Friday, August 26, 2011

Bethumped with words

Costard (in Love's Labor's Lost): "O, they have lived long on the alms-basket of words. I marvel thy master hath not eaten thee for a word; for thou art not long by the head as honorificabilitudinitatibus: thou art easier swallowed than a flap-dragon."

"Zounds!" as Shakespeare's Philip Faulconbridge (King John) would say. "I was never so bethump'd with words." Most English speakers would likely agree with his sentiment. And yes, "honorificabilitudinitatibus" (meaning profusely lauded) is a word, among the longest in the English language (James Joyce even used it in Ulysses). You'll hurt your brain if you try to pronounce it.

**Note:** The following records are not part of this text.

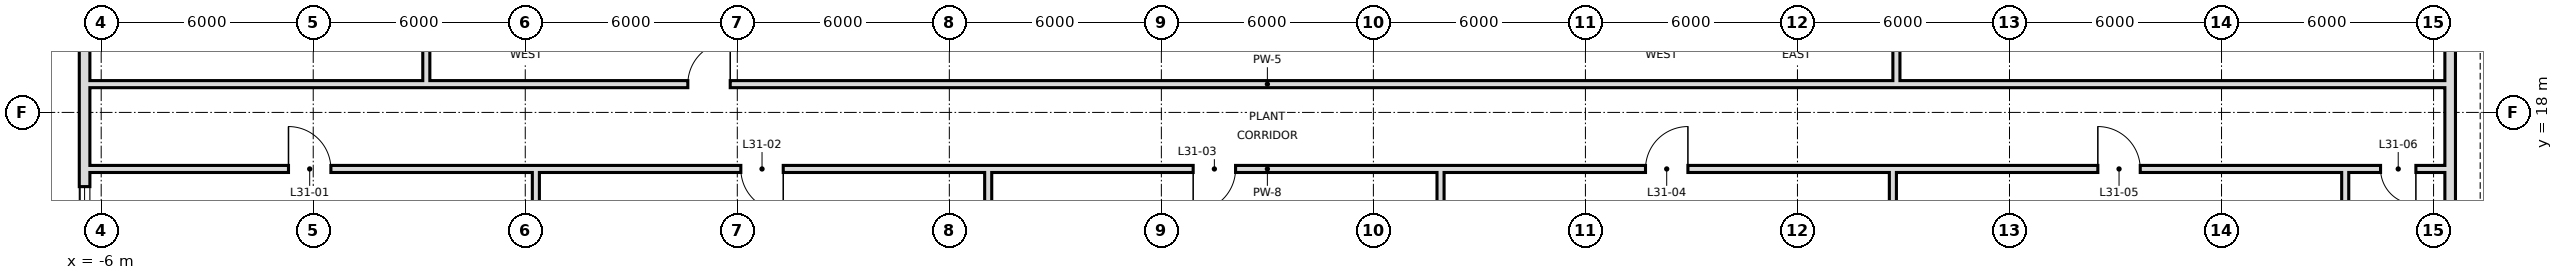
"""IFC4 building model, lengths in metres.
Left out: names, types, materials, properties, quantities, classifications, styles, units other than length and angle.
Written with IfcOpenShell. Run it as: python <this file> out.ifc"""

import sys

from ifc_helpers import new_model, si_unit, direction, frame, frame_2d, origin, place, context, subcontext, project, spatial, rectangle, extrude, element, fill, save


model = new_model("IFC4")
c1 = context("Model", 3, precision=1e-05, world=origin(), true_north=direction((0.0, 1.0)))
c2 = subcontext(c1, "Body", "Model", "MODEL_VIEW")
j1 = project(units=[si_unit("LENGTHUNIT", "METRE"), si_unit("PLANEANGLEUNIT", "RADIAN")], contexts=[c1])
p1 = place(None, origin())
s1 = spatial("IfcSite", under=j1, at=p1, CompositionType="ELEMENT")
p2 = place(p1, origin())
s2 = spatial("IfcBuilding", under=s1, at=p2, CompositionType="ELEMENT")
p3 = place(p2, frame((0.0, 0.0, 138.4)))
s3 = spatial("IfcBuildingStorey", under=s2, at=p3, CompositionType="ELEMENT", Elevation=138.4)
p4 = place(p3, frame((60.47, 5.805, 0.0), z_axis=(0.0, 0.0, 1.0), x_axis=(0.0, 1.0, 0.0)))
e1 = element("IfcWall", 1, at=p4, inside=s3, PredefinedType="SOLIDWALL", context=c2, shape_type="SweptSolid", body=[
    extrude(rectangle(XDim=36.389, YDim=0.3, at=frame_2d((18.195, 0.0))), origin(), (0.0, 0.0, 1.0), 5.22),
])
p5 = place(p4, frame((2.17, 0.0, 0.9)))
e2 = element("IfcOpeningElement", 2, at=p5, cuts=e1, PredefinedType="OPENING", context=c2, shape_type="SweptSolid", body=[
    extrude(rectangle(XDim=1.8, YDim=1.5, at=frame_2d((0.9, 0.75))), frame((0.0, 0.16, 0.0), z_axis=(0.0, -1.0, 0.0), x_axis=(1.0, 0.0, 0.0)), (0.0, 0.0, 1.0), 0.32),
])
p6 = place(p4, frame((14.295, 0.0, 0.9)))
e3 = element("IfcOpeningElement", 3, at=p6, cuts=e1, PredefinedType="OPENING", context=c2, shape_type="SweptSolid", body=[
    extrude(rectangle(XDim=1.8, YDim=1.5, at=frame_2d((0.9, 0.75))), frame((0.0, 0.16, 0.0), z_axis=(0.0, -1.0, 0.0), x_axis=(1.0, 0.0, 0.0)), (0.0, 0.0, 1.0), 0.32),
])
p7 = place(p4, frame((26.295, 0.0, 0.9)))
e4 = element("IfcOpeningElement", 4, at=p7, cuts=e1, PredefinedType="OPENING", context=c2, shape_type="SweptSolid", body=[
    extrude(rectangle(XDim=1.8, YDim=1.5, at=frame_2d((0.9, 0.75))), frame((0.0, 0.16, 0.0), z_axis=(0.0, -1.0, 0.0), x_axis=(1.0, 0.0, 0.0)), (0.0, 0.0, 1.0), 0.32),
])
p8 = place(p3, frame((-6.47, 42.195, 0.0), z_axis=(0.0, 0.0, 1.0), x_axis=(0.0, -1.0, 0.0)))
e5 = element("IfcWall", 5, at=p8, inside=s3, PredefinedType="SOLIDWALL", context=c2, shape_type="SweptSolid", body=[
    extrude(rectangle(XDim=36.389, YDim=0.3, at=frame_2d((18.195, 0.0))), origin(), (0.0, 0.0, 1.0), 5.22),
])
p9 = place(p8, frame((2.17, 0.0, 0.9)))
e6 = element("IfcOpeningElement", 6, at=p9, cuts=e5, PredefinedType="OPENING", context=c2, shape_type="SweptSolid", body=[
    extrude(rectangle(XDim=1.8, YDim=1.5, at=frame_2d((0.9, 0.75))), frame((0.0, 0.16, 0.0), z_axis=(0.0, -1.0, 0.0), x_axis=(1.0, 0.0, 0.0)), (0.0, 0.0, 1.0), 0.32),
])
p10 = place(p8, frame((14.295, 0.0, 0.9)))
e7 = element("IfcOpeningElement", 7, at=p10, cuts=e5, PredefinedType="OPENING", context=c2, shape_type="SweptSolid", body=[
    extrude(rectangle(XDim=1.8, YDim=1.5, at=frame_2d((0.9, 0.75))), frame((0.0, 0.16, 0.0), z_axis=(0.0, -1.0, 0.0), x_axis=(1.0, 0.0, 0.0)), (0.0, 0.0, 1.0), 0.32),
])
p11 = place(p8, frame((26.295, 0.0, 0.9)))
e8 = element("IfcOpeningElement", 8, at=p11, cuts=e5, PredefinedType="OPENING", context=c2, shape_type="SweptSolid", body=[
    extrude(rectangle(XDim=1.8, YDim=1.5, at=frame_2d((0.9, 0.75))), frame((0.0, 0.16, 0.0), z_axis=(0.0, -1.0, 0.0), x_axis=(1.0, 0.0, 0.0)), (0.0, 0.0, 1.0), 0.32),
])
p12 = place(p3, frame((3.2, 18.9, 0.0), z_axis=(0.0, 0.0, 1.0), x_axis=(0.0, 1.0, 0.0)))
e9 = element("IfcWall", 9, at=p12, inside=s3, PredefinedType="SOLIDWALL", context=c2, shape_type="SweptSolid", body=[
    extrude(rectangle(XDim=29.7, YDim=0.2, at=frame_2d((14.85, 0.0))), origin(), (0.0, 0.0, 1.0), 4.52),
])
p13 = place(p12, frame((18.3, 0.0, 0.0)))
e10 = element("IfcOpeningElement", 10, at=p13, cuts=e9, PredefinedType="OPENING", context=c2, shape_type="SweptSolid", body=[
    extrude(rectangle(XDim=1.2, YDim=2.4, at=frame_2d((0.6, 1.2))), frame((0.0, 0.11, 0.0), z_axis=(0.0, -1.0, 0.0), x_axis=(1.0, 0.0, 0.0)), (0.0, 0.0, 1.0), 0.22),
])
for number, where, z_axis, x_axis in (
    (11, (6.3, -0.6, 0.0), (0.0, 0.0, 1.0), (0.0, 1.0, 0.0)),
    (12, (19.1, -0.6, 0.0), (0.0, 0.0, 1.0), (0.0, 1.0, 0.0)),
    (13, (31.9, -0.6, 0.0), (0.0, 0.0, 1.0), (0.0, 1.0, 0.0)),
    (14, (44.7, -0.6, 0.0), (0.0, 0.0, 1.0), (0.0, 1.0, 0.0)),
):
    element("IfcWall", number, at=place(p3, frame(where, z_axis=z_axis, x_axis=x_axis)), inside=s3, PredefinedType="SOLIDWALL", context=c2, shape_type="SweptSolid", body=[
        extrude(rectangle(XDim=16.9, YDim=0.2, at=frame_2d((8.45, 0.0))), origin(), (0.0, 0.0, 1.0), 4.52),
    ])
p14 = place(p3, frame((44.8, 18.9, 0.0), z_axis=(0.0, 0.0, 1.0), x_axis=(0.0, 1.0, 0.0)))
e15 = element("IfcWall", 15, at=p14, inside=s3, PredefinedType="SOLIDWALL", context=c2, shape_type="SweptSolid", body=[
    extrude(rectangle(XDim=29.7, YDim=0.2, at=frame_2d((14.85, 0.0))), origin(), (0.0, 0.0, 1.0), 4.52),
])
p15 = place(p14, frame((18.3, 0.0, 0.0)))
e16 = element("IfcOpeningElement", 16, at=p15, cuts=e15, PredefinedType="OPENING", context=c2, shape_type="SweptSolid", body=[
    extrude(rectangle(XDim=1.2, YDim=2.4, at=frame_2d((0.6, 1.2))), frame((0.0, 0.11, 0.0), z_axis=(0.0, -1.0, 0.0), x_axis=(1.0, 0.0, 0.0)), (0.0, 0.0, 1.0), 0.22),
])
p16 = place(p3, frame((57.5, 2.651, 0.0), z_axis=(0.0, 0.0, 1.0), x_axis=(0.0, 1.0, 0.0)))
e17 = element("IfcWall", 17, at=p16, inside=s3, PredefinedType="SOLIDWALL", context=c2, shape_type="SweptSolid", body=[
    extrude(rectangle(XDim=13.649, YDim=0.2, at=frame_2d((6.825, 0.0))), origin(), (0.0, 0.0, 1.0), 4.52),
])
p17 = place(p3, frame((-6.6, 16.4, 0.0), z_axis=(0.0, 0.0, 1.0), x_axis=(1.0, 0.0, 0.0)))
e18 = element("IfcWall", 18, at=p17, inside=s3, PredefinedType="SOLIDWALL", context=c2, shape_type="SweptSolid", body=[
    extrude(rectangle(XDim=67.2, YDim=0.2, at=frame_2d((33.6, 0.0))), origin(), (0.0, 0.0, 1.0), 4.52),
])
p18 = place(p17, frame((5.9, 0.0, 0.0)))
e19 = element("IfcOpeningElement", 19, at=p18, cuts=e18, PredefinedType="OPENING", context=c2, shape_type="SweptSolid", body=[
    extrude(rectangle(XDim=1.2, YDim=2.4, at=frame_2d((0.6, 1.2))), frame((0.0, 0.11, 0.0), z_axis=(0.0, -1.0, 0.0), x_axis=(1.0, 0.0, 0.0)), (0.0, 0.0, 1.0), 0.22),
])
p19 = place(p17, frame((18.7, 0.0, 0.0)))
e20 = element("IfcOpeningElement", 20, at=p19, cuts=e18, PredefinedType="OPENING", context=c2, shape_type="SweptSolid", body=[
    extrude(rectangle(XDim=1.2, YDim=2.4, at=frame_2d((0.6, 1.2))), frame((0.0, 0.11, 0.0), z_axis=(0.0, -1.0, 0.0), x_axis=(1.0, 0.0, 0.0)), (0.0, 0.0, 1.0), 0.22),
])
p20 = place(p17, frame((31.5, 0.0, 0.0)))
e21 = element("IfcOpeningElement", 21, at=p20, cuts=e18, PredefinedType="OPENING", context=c2, shape_type="SweptSolid", body=[
    extrude(rectangle(XDim=1.2, YDim=2.4, at=frame_2d((0.6, 1.2))), frame((0.0, 0.11, 0.0), z_axis=(0.0, -1.0, 0.0), x_axis=(1.0, 0.0, 0.0)), (0.0, 0.0, 1.0), 0.22),
])
p21 = place(p17, frame((44.3, 0.0, 0.0)))
e22 = element("IfcOpeningElement", 22, at=p21, cuts=e18, PredefinedType="OPENING", context=c2, shape_type="SweptSolid", body=[
    extrude(rectangle(XDim=1.2, YDim=2.4, at=frame_2d((0.6, 1.2))), frame((0.0, 0.11, 0.0), z_axis=(0.0, -1.0, 0.0), x_axis=(1.0, 0.0, 0.0)), (0.0, 0.0, 1.0), 0.22),
])
p22 = place(p17, frame((57.1, 0.0, 0.0)))
e23 = element("IfcOpeningElement", 23, at=p22, cuts=e18, PredefinedType="OPENING", context=c2, shape_type="SweptSolid", body=[
    extrude(rectangle(XDim=1.2, YDim=2.4, at=frame_2d((0.6, 1.2))), frame((0.0, 0.11, 0.0), z_axis=(0.0, -1.0, 0.0), x_axis=(1.0, 0.0, 0.0)), (0.0, 0.0, 1.0), 0.22),
])
p23 = place(p17, frame((65.1, 0.0, 0.0)))
e24 = element("IfcOpeningElement", 24, at=p23, cuts=e18, PredefinedType="OPENING", context=c2, shape_type="SweptSolid", body=[
    extrude(rectangle(XDim=1.0, YDim=2.4, at=frame_2d((0.5, 1.2))), frame((0.0, 0.11, 0.0), z_axis=(0.0, -1.0, 0.0), x_axis=(1.0, 0.0, 0.0)), (0.0, 0.0, 1.0), 0.22),
])
p24 = place(p3, frame((-6.6, 18.8, 0.0), z_axis=(0.0, 0.0, 1.0), x_axis=(1.0, 0.0, 0.0)))
e25 = element("IfcWall", 25, at=p24, inside=s3, PredefinedType="SOLIDWALL", context=c2, shape_type="SweptSolid", body=[
    extrude(rectangle(XDim=67.2, YDim=0.2, at=frame_2d((33.6, 0.0))), origin(), (0.0, 0.0, 1.0), 4.52),
])
p25 = place(p24, frame((17.2, 0.0, 0.0)))
e26 = element("IfcOpeningElement", 26, at=p25, cuts=e25, PredefinedType="OPENING", context=c2, shape_type="SweptSolid", body=[
    extrude(rectangle(XDim=1.2, YDim=2.4, at=frame_2d((0.6, 1.2))), frame((0.0, 0.11, 0.0), z_axis=(0.0, -1.0, 0.0), x_axis=(1.0, 0.0, 0.0)), (0.0, 0.0, 1.0), 0.22),
])
p26 = place(p11, origin())
e27 = element("IfcWindow", 27, at=p26, inside=s3, PartitioningType="SINGLE_PANEL", PredefinedType="WINDOW", context=c2, shape_type="SweptSolid", body=[
    extrude(rectangle(XDim=1.8, YDim=1.5, at=frame_2d((0.9, 0.75))), frame((0.0, 0.03, 0.0), z_axis=(0.0, -1.0, 0.0), x_axis=(1.0, 0.0, 0.0)), (0.0, 0.0, 1.0), 0.06),
])
fill(e8, e27)
p27 = place(p18, origin())
e28 = element("IfcDoor", 28, at=p27, inside=s3, OperationType="SINGLE_SWING_LEFT", PredefinedType="DOOR", context=c2, shape_type="SweptSolid", body=[
    extrude(rectangle(XDim=1.2, YDim=2.4, at=frame_2d((0.6, 1.2))), frame((0.0, 0.025, 0.0), z_axis=(0.0, -1.0, 0.0), x_axis=(1.0, 0.0, 0.0)), (0.0, 0.0, 1.0), 0.05),
])
fill(e19, e28)
p28 = place(p19, origin())
e29 = element("IfcDoor", 29, at=p28, inside=s3, OperationType="SINGLE_SWING_RIGHT", PredefinedType="DOOR", context=c2, shape_type="SweptSolid", body=[
    extrude(rectangle(XDim=1.2, YDim=2.4, at=frame_2d((0.6, 1.2))), frame((0.0, 0.025, 0.0), z_axis=(0.0, -1.0, 0.0), x_axis=(1.0, 0.0, 0.0)), (0.0, 0.0, 1.0), 0.05),
])
fill(e20, e29)
p29 = place(p20, frame((1.2, 0.0, 0.0), z_axis=(0.0, 0.0, 1.0), x_axis=(-1.0, 0.0, 0.0)))
e30 = element("IfcDoor", 30, at=p29, inside=s3, OperationType="SINGLE_SWING_RIGHT", PredefinedType="DOOR", context=c2, shape_type="SweptSolid", body=[
    extrude(rectangle(XDim=1.2, YDim=2.4, at=frame_2d((0.6, 1.2))), frame((0.0, 0.025, 0.0), z_axis=(0.0, -1.0, 0.0), x_axis=(1.0, 0.0, 0.0)), (0.0, 0.0, 1.0), 0.05),
])
fill(e21, e30)
p30 = place(p21, frame((1.2, 0.0, 0.0), z_axis=(0.0, 0.0, 1.0), x_axis=(-1.0, 0.0, 0.0)))
e31 = element("IfcDoor", 31, at=p30, inside=s3, OperationType="SINGLE_SWING_LEFT", PredefinedType="DOOR", context=c2, shape_type="SweptSolid", body=[
    extrude(rectangle(XDim=1.2, YDim=2.4, at=frame_2d((0.6, 1.2))), frame((0.0, 0.025, 0.0), z_axis=(0.0, -1.0, 0.0), x_axis=(1.0, 0.0, 0.0)), (0.0, 0.0, 1.0), 0.05),
])
fill(e22, e31)
p31 = place(p22, origin())
e32 = element("IfcDoor", 32, at=p31, inside=s3, OperationType="SINGLE_SWING_LEFT", PredefinedType="DOOR", context=c2, shape_type="SweptSolid", body=[
    extrude(rectangle(XDim=1.2, YDim=2.4, at=frame_2d((0.6, 1.2))), frame((0.0, 0.025, 0.0), z_axis=(0.0, -1.0, 0.0), x_axis=(1.0, 0.0, 0.0)), (0.0, 0.0, 1.0), 0.05),
])
fill(e23, e32)
p32 = place(p23, origin())
e33 = element("IfcDoor", 33, at=p32, inside=s3, OperationType="SINGLE_SWING_RIGHT", PredefinedType="DOOR", context=c2, shape_type="SweptSolid", body=[
    extrude(rectangle(XDim=1.0, YDim=2.4, at=frame_2d((0.5, 1.2))), frame((0.0, 0.025, 0.0), z_axis=(0.0, -1.0, 0.0), x_axis=(1.0, 0.0, 0.0)), (0.0, 0.0, 1.0), 0.05),
])
fill(e24, e33)
p33 = place(p25, frame((1.2, 0.0, 0.0), z_axis=(0.0, 0.0, 1.0), x_axis=(-1.0, 0.0, 0.0)))
e34 = element("IfcDoor", 34, at=p33, inside=s3, OperationType="SINGLE_SWING_LEFT", PredefinedType="DOOR", context=c2, shape_type="SweptSolid", body=[
    extrude(rectangle(XDim=1.2, YDim=2.4, at=frame_2d((0.6, 1.2))), frame((0.0, 0.025, 0.0), z_axis=(0.0, -1.0, 0.0), x_axis=(1.0, 0.0, 0.0)), (0.0, 0.0, 1.0), 0.05),
])
fill(e26, e34)
save(model, sys.argv[1])

The erudite folks at NoSweatShakespeare.com say the Bard used a total of 17,677 words in all of his plays, sonnets and narrative poems. (The American Heritage Dictionary says there are actually 884,647 of them, made up of 29,066 distinct forms. But never mind.) Of those, some 1,700 were first used by Shakespeare. Here are some of the words he brought into common usage:
Accommodation, aerial, amazement, apostrophe, assassination, auspicious, baseless, bloody, bump, castigate, countless, courtship, critic, critical, dexterously, dishearten, dislocate, dwindle, eventful, exposure, fitful, frugal, generous, gloomy, gnarled, hurry, impartial, inauspicious, indistinguishable, invulnerable, lapse, laughable, lonely, majestic, misplaced, monumental, multitudinous, obscene, palmy, perusal, pious, premeditated, radiance, reliance, road, sanctimonious, seamy, sportive, submerge, suspicious.
Amazing. But by now, you may feel like Alonso (The Tempest): "You cram these words into mine ears against the stomach of my sense!"